Public and private partnership
There was a time when the public was a partner in medical school education and medical research. Under President Jimmy Carter shortly after his inauguration the capitation payments to medical schools for student tuition and support for medical research from the NIH were cut back drastically. Typical medical school tuitions increased 10x. The argument was that the medical profession was a commercial interest that was capable of doing quite well commercially without taking money from the public. The immediate result was that medical school tuition skyrocketed and that research institutions and hospitals were forced to partner with big business. This changed the culture of Medicine drastically. We basically said, fine, if we are really just a business we will act like one and pay closer attention to our bottom line. At the same time this was happening Medicare was switching to DRG payments from cost plus to hospitals and decreasing payments with the intent to close 30% of all hospital beds in the country. It succeeded in closing many very fine hospitals. This put enormous pressure on institutions to find sources of revenue elsewhere.
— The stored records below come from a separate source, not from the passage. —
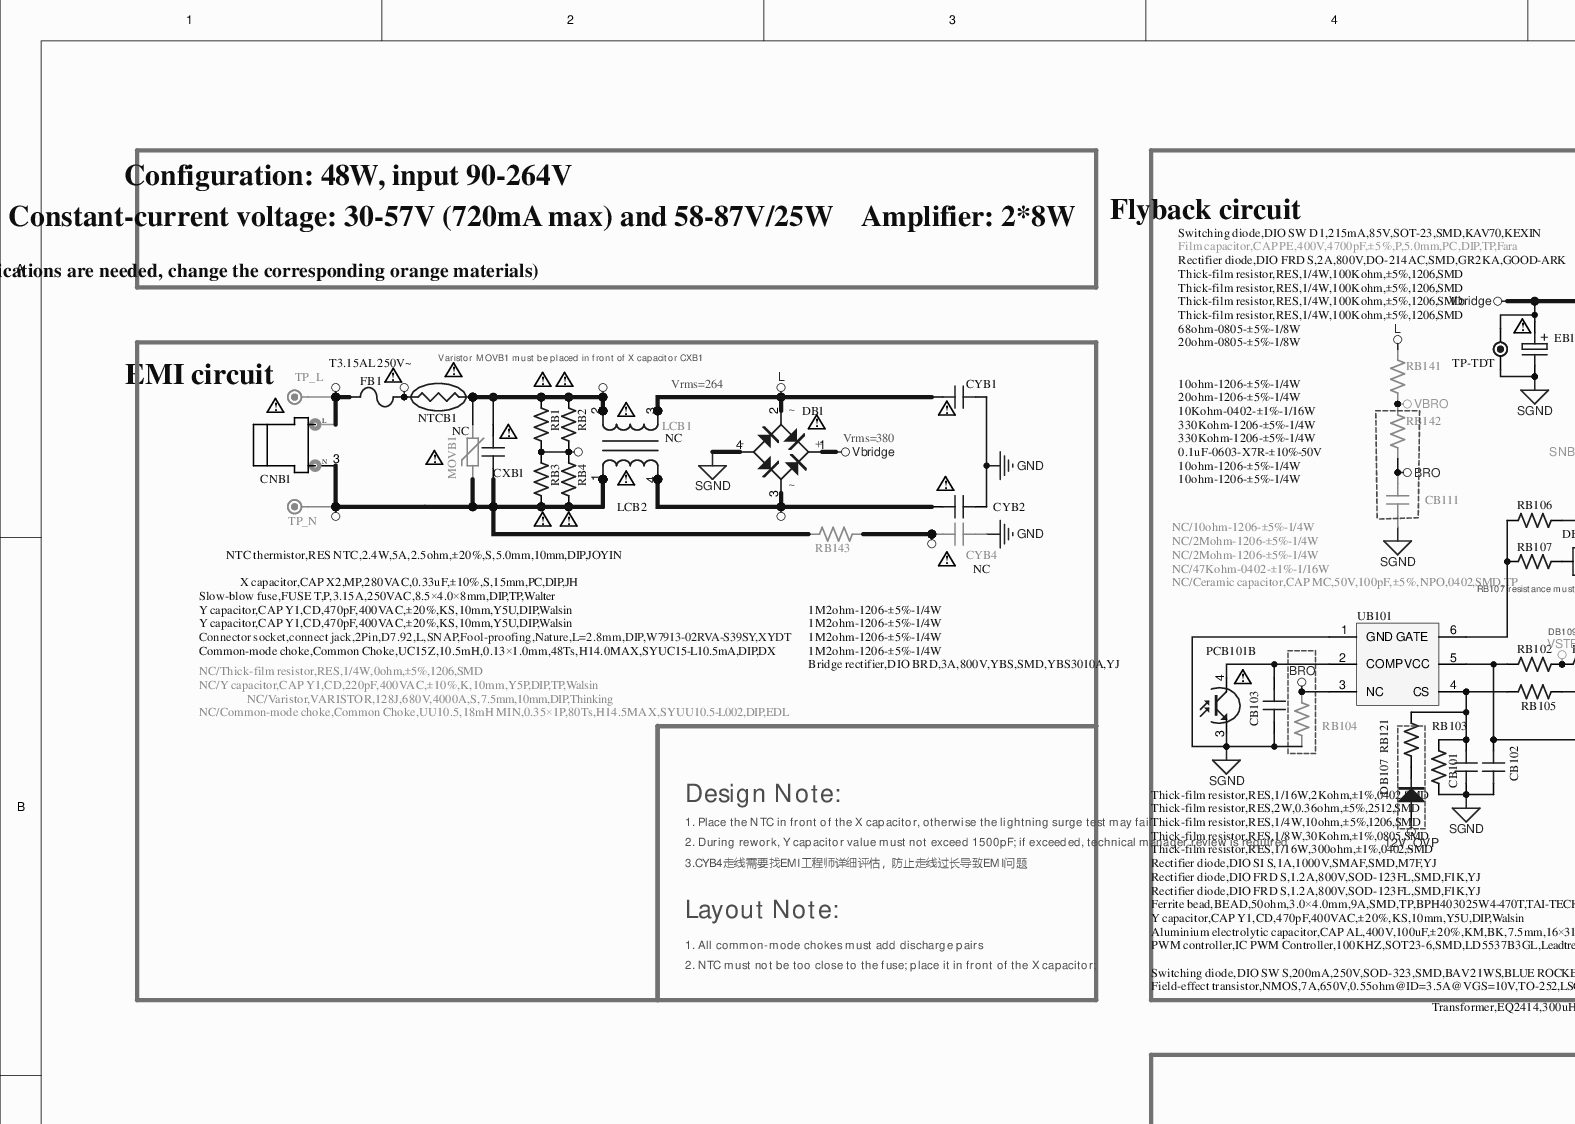
[diagram p0: MISC86372-5.SchDoc, top left]
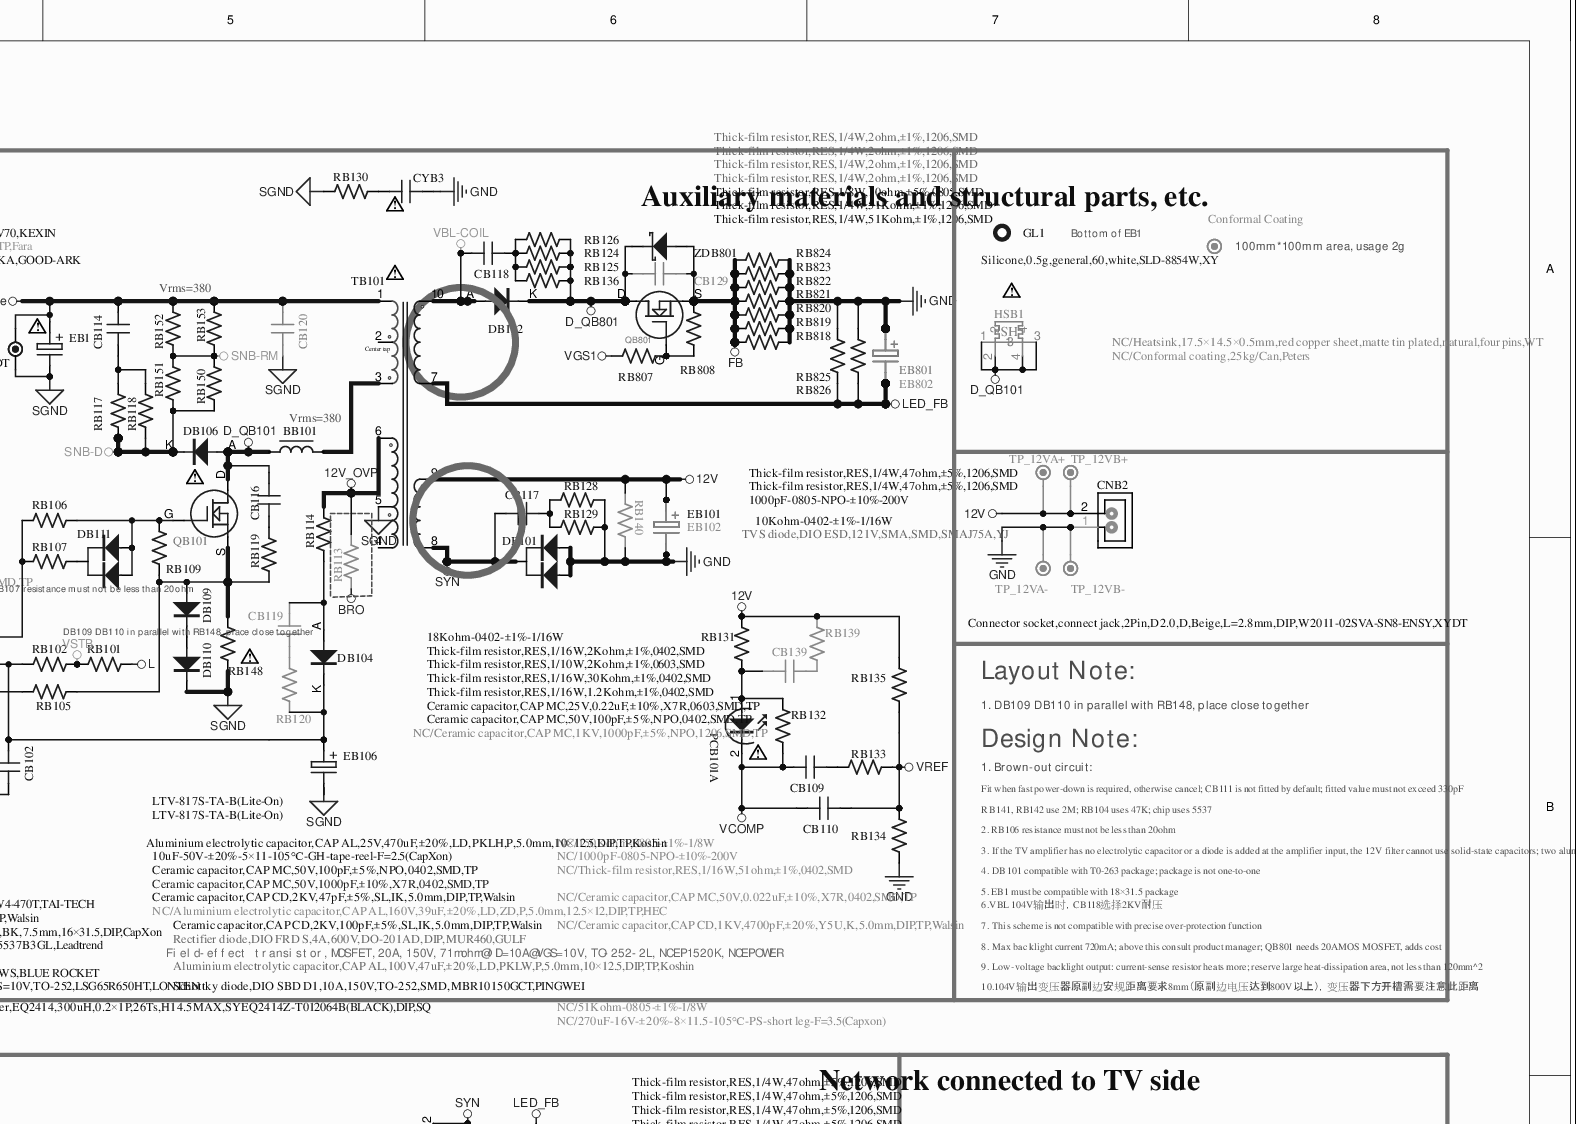
[diagram p1: MISC86372-5.SchDoc, top right]
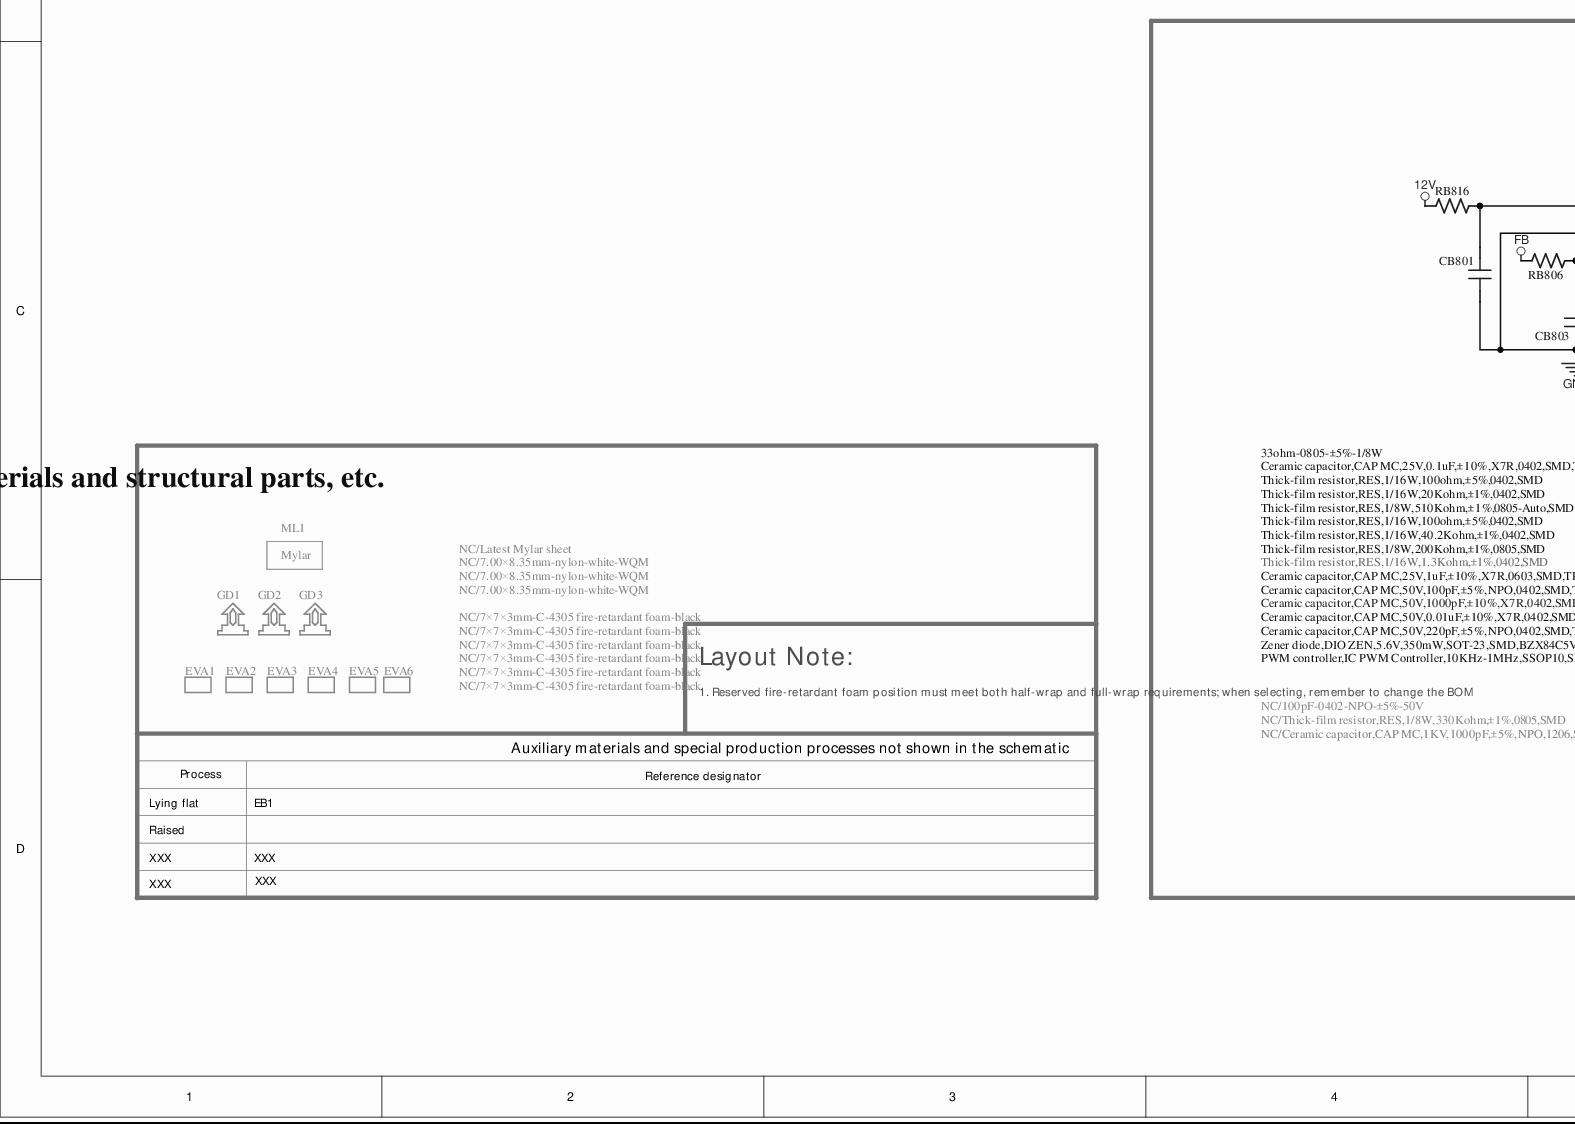
[diagram p2: MISC86372-5.SchDoc, bottom left]
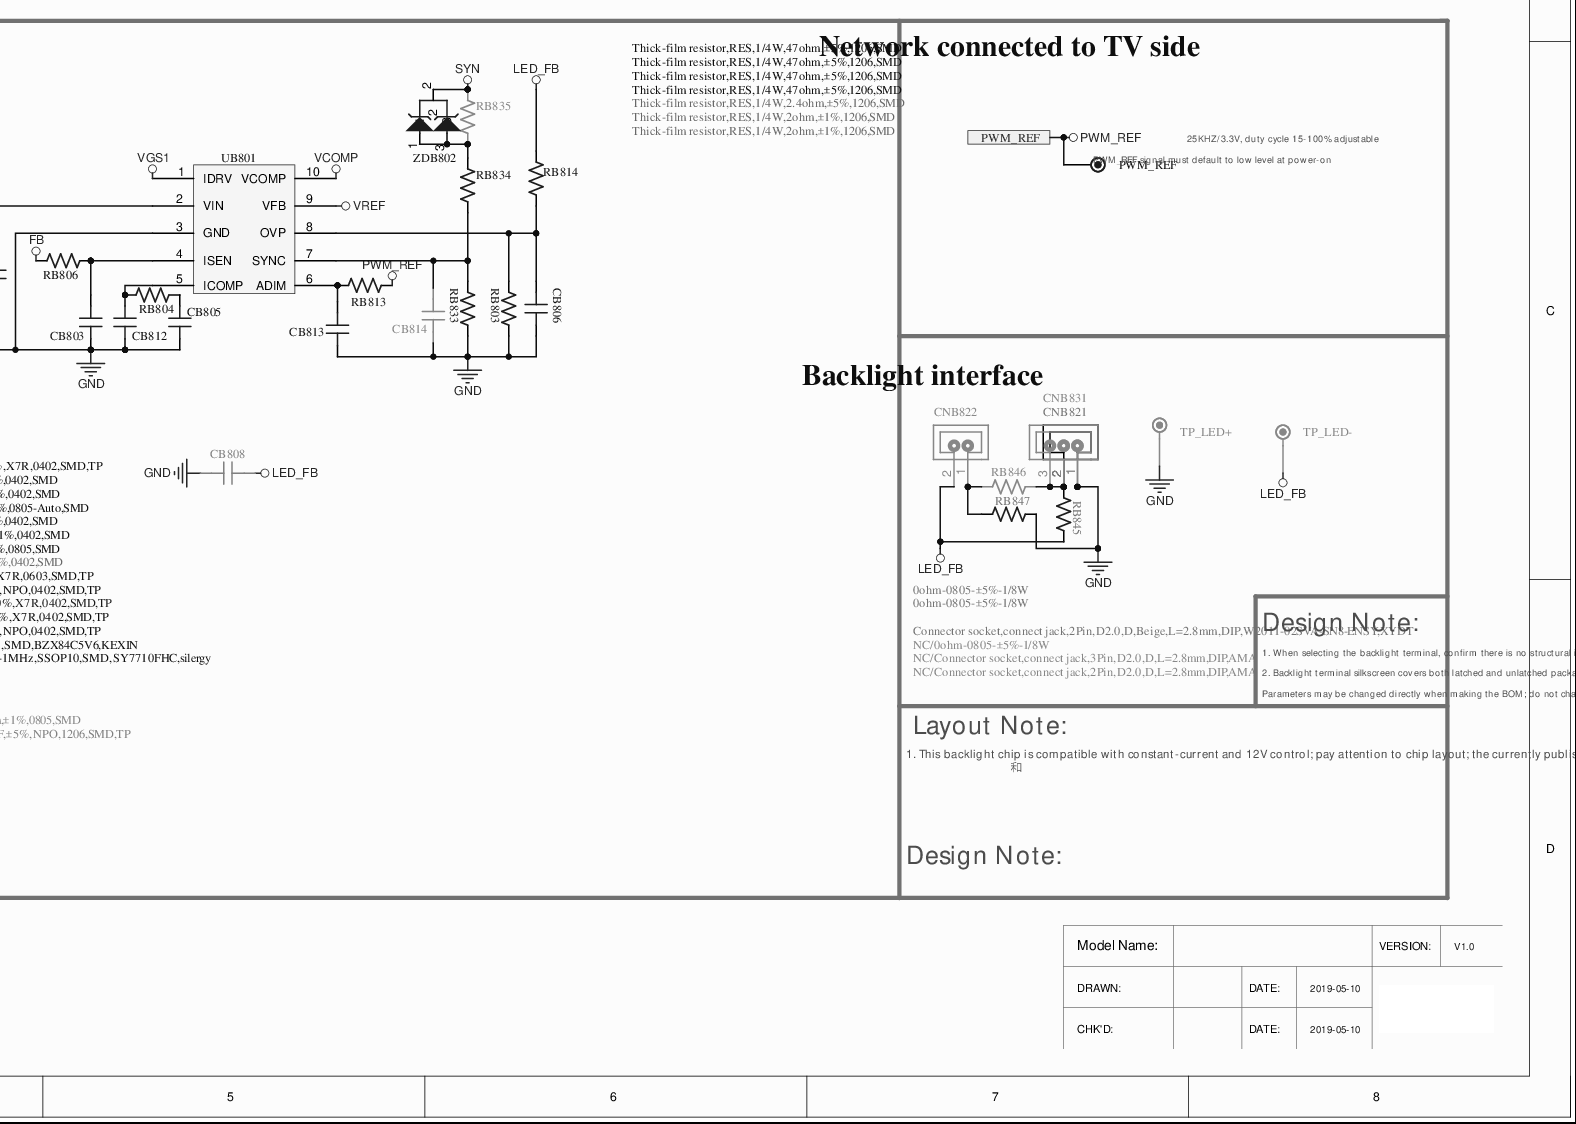
[diagram p3: MISC86372-5.SchDoc, bottom right]
# Altium project MISC86372-32.PrjPCB (part 7 of 8)

## Sheet MISC86372-5.SchDoc: MISC86372
size A2

### Parts
BB101  Ferrite bead,BEAD,50ohm,3.0×4.0mm,9A,SMD,TP,BPH403025W4-470T,TAI-TECH  [L(4*3*2.55)-S]
CB101  Ceramic capacitor,CAP MC,50V,100pF,±5%,NPO,0402,SMD,TP  [C0402]
CB102  0.1uF-0603-X7R-±10%-50V  [C0603]
CB103  Ceramic capacitor,CAP MC,50V,1000pF,±10%,X7R,0402,SMD,TP  [C0402]
CB109  Ceramic capacitor,CAP MC,25V,0.22uF,±10%,X7R,0603,SMD,TP  [C0603]
CB110  Ceramic capacitor,CAP MC,50V,100pF,±5%,NPO,0402,SMD,TP  [C0402]
CB111  NC/Ceramic capacitor,CAP MC,50V,100pF,±5%,NPO,0402,SMD,TP  [C0402]
CB114  Film capacitor,CAP PE,400V,4700pF,±5%,P,5.0mm,PC,DIP,TP,Fara  [CAP8*2.5-V-5]
CB116  Ceramic capacitor,CAP CD,2KV,47pF,±5%,SL,IK,5.0mm,DIP,TP,Walsin  [CAP7.5*5-V-5-1]
CB117  1000pF-0805-NPO-±10%-200V  [C0805]
CB118  Ceramic capacitor,CAP CD,2KV,100pF,±5%,SL,IK,5.0mm,DIP,TP,Walsin  [CAP8.5*5-V-5]
CB119  NC/1000pF-0805-NPO-±10%-200V  [C0805]
CB120  NC/Ceramic capacitor,CAP CD,1KV,4700pF,±20%,Y5U,K,5.0mm,DIP,TP,Walsin  [CAP10*4.5-V-5]
CB129  NC/Ceramic capacitor,CAP MC,1KV,1000pF,±5%,NPO,1206,SMD,TP  [C1206]
CB139  NC/Ceramic capacitor,CAP MC,50V,0.022uF,±10%,X7R,0402,SMD,TP  [C0603]
CB801  Ceramic capacitor,CAP MC,25V,1uF,±10%,X7R,0603,SMD,TP  [C0603]
CB803  Ceramic capacitor,CAP MC,25V,0.1uF,±10%,X7R,0402,SMD,TP  [C0402]
CB805  Ceramic capacitor,CAP MC,50V,0.01uF,±10%,X7R,0402,SMD,TP  [C0402]
CB806  Ceramic capacitor,CAP MC,50V,1000pF,±10%,X7R,0402,SMD,TP  [C0402]
CB808  NC/Ceramic capacitor,CAP MC,1KV,1000pF,±5%,NPO,1206,SMD,TP  [C1206]
CB812  Ceramic capacitor,CAP MC,50V,220pF,±5%,NPO,0402,SMD,TP  [C0402]
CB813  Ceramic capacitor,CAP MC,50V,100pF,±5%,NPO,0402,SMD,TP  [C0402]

There was also a time when the private sector was heavily involved in medical charity. Half of the hospitals in which I trained were Catholic Charity Hospitals where no one was ever turned away for any reason, such as Saint Mary’s and Saint Elizabeth’s hospitals in Chicago. The culture at these institutions was inspiring to a young physician in training. Generous payments from some patients supported the charity care for other patients. It worked and everyone felt good about it. The nuns taught everybody to be frugal because we had a responsibility to save so that we would have the resources to take care of the poor.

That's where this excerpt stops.